I know we’re not sending people to the moon here. Even though we don’t know the consequences of this inconsistency, it’s hard to conceive of anyone dying because of it. So let’s make it clear: I’m not saying that the sky is falling, and I’m not making a value judgment as to whether we should fix it. That stuff is for you and the project managers to decide upon. It’s simply my role to observe it, to investigate it, and to report it.

I think it might be important, though, for us to understand why the problem is there in the first place. That’s because I don’t know whether the problem that I’m seeing is a big deal. And the thing is, until you’ve looked at the code, neither do you.

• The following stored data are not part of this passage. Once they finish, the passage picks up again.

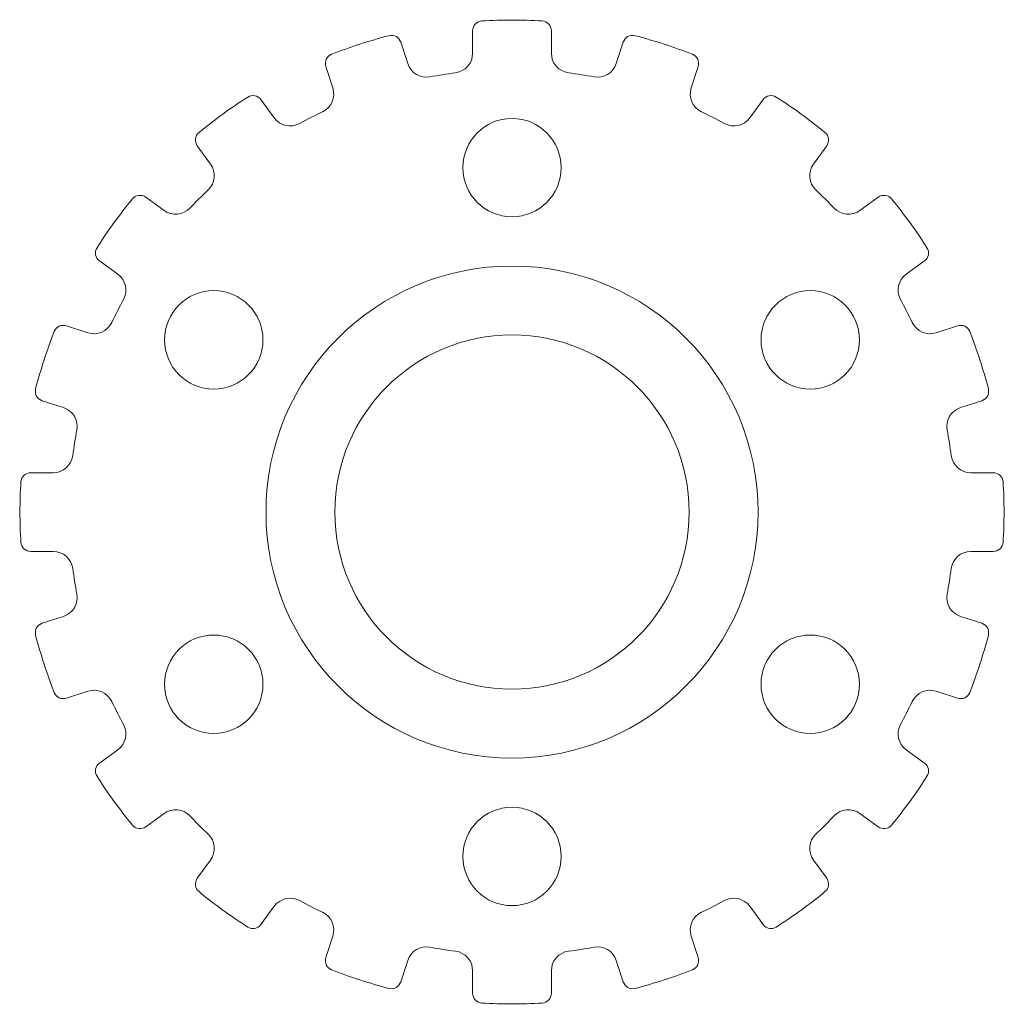
# Model space of a CAD drawing. Units: millimetres. Extents: x 3111 to 3211, y 1416 to 1516.
import ezdxf

# ---------------------------------------------------------------- set-up
doc = ezdxf.new("R2010")
doc.units = ezdxf.units.MM
doc.layers.add('M-CONS', color=8, linetype='Continuous', lineweight=18)

# ---------------------------------------------------------------- blocks, each defined once
blk = doc.blocks.new('*U1')
blk.add_lwpolyline([(-5.74, -2.68, 0.377199), (-4, -0.7), (-4, 1.59, -0.396382), (-3.06, 2.59, -0.030641), (3.06, 2.59, -0.396382), (4, 1.59), (4, -0.7, 0.377199), (5.74, -2.68)], format="xyb")
blk = doc.blocks.new('*U2')
at = {"layer": 'M-CONS', "color": 0, "linetype": 'ByBlock', "lineweight": -2, "transparency": 16777216}
for p, rotation in [((3146.51, 1510.65), 17.99999999999998), ((3175.75, 1510.65), 342), ((3133.32, 1503.93), 36.00000000000001), ((3188.94, 1503.93), 324), ((3122.85, 1493.47), 54), ((3199.41, 1493.47), 306), ((3116.13, 1480.28), 72), ((3206.13, 1480.28), 288), ((3113.81, 1465.65), 90), ((3208.45, 1465.65), 270), ((3116.13, 1451.03), 108), ((3206.13, 1451.03), 252), ((3122.85, 1437.84), 126), ((3199.41, 1437.84), 234), ((3133.32, 1427.37), 144), ((3188.94, 1427.37), 216), ((3146.51, 1420.65), 162), ((3175.75, 1420.65), 198), ((3161.13, 1418.34), 180)]:
    blk.add_blockref('*U1', p, dxfattribs=dict(at, rotation=rotation))
blk.add_blockref('*U1', (3161.13, 1512.97), dxfattribs=at)
blk = doc.blocks.new('*U3')
blk.add_circle((0, 0), 5)
blk = doc.blocks.new('*U4')
at = {"layer": 'M-CONS', "color": 0, "linetype": 'ByBlock', "lineweight": -2, "transparency": 16777216}
blk.add_blockref('*U3', (3161.13, 1500.65), dxfattribs=at)
for p, rotation in [((3130.82, 1483.15), 59.99999999999999), ((3191.44, 1483.15), 300), ((3130.82, 1448.15), 120), ((3191.44, 1448.15), 240), ((3161.13, 1430.65), 180)]:
    blk.add_blockref('*U3', p, dxfattribs=dict(at, rotation=rotation))

msp = doc.modelspace()

# ---------------------------------------------------------------- linework, layer by layer
at = {"layer": 'M-CONS'}
for radius in [25, 18]:
    msp.add_circle((3161.13, 1465.65), radius, dxfattribs=at)
for start, end in [(97.3344, 100.6656), (79.3344, 82.6656), (115.3344, 118.6656), (61.3344, 64.6656), (133.3344, 136.6656), (43.3344, 46.6656), (151.3344, 154.6656), (25.3344, 28.6656), (169.3344, 172.6656), (7.3344, 10.6656), (187.3344, 190.6656), (349.3344, 352.6656), (205.3344, 208.6656), (331.3344, 334.6656), (223.3344, 226.6656), (313.3344, 316.6656), (241.3344, 244.6656), (295.3344, 298.6656), (259.3344, 262.6656), (277.3344, 280.6656)]:
    msp.add_arc((3161.13, 1465.65), 45, start, end, dxfattribs=at)

# ---------------------------------------------------------------- block references
for name in ['*U2', '*U4']:
    msp.add_blockref(name, (0, 0), dxfattribs=at)

doc.saveas('drawing.dxf')

As always, it’s your call. And as usual, I’m happy to assist you in running whatever tests you’d like me to run on your behalf. I’ll also poke around and see if I can find any other surprises.

Your friend,

The Tester

P.S. I did run a second test. This time, I used PerlClip to craft a string of 100000 instances of :). That pair of characters, in normal circumstances, results in a smiley-face emoticon. It seemed as though the input field accepted the characters literally, and then converted them to the graphical smiley face. It took a long, long time for the input field to render this. I thought that my chat window had crashed, but it hadn’t. Eventually it finished processing, and displayed what it had parsed from this odd input. I didn’t see 32768 smileys, nor 29996, nor 16384, nor 14998. I saw exactly two dots. Weird, huh?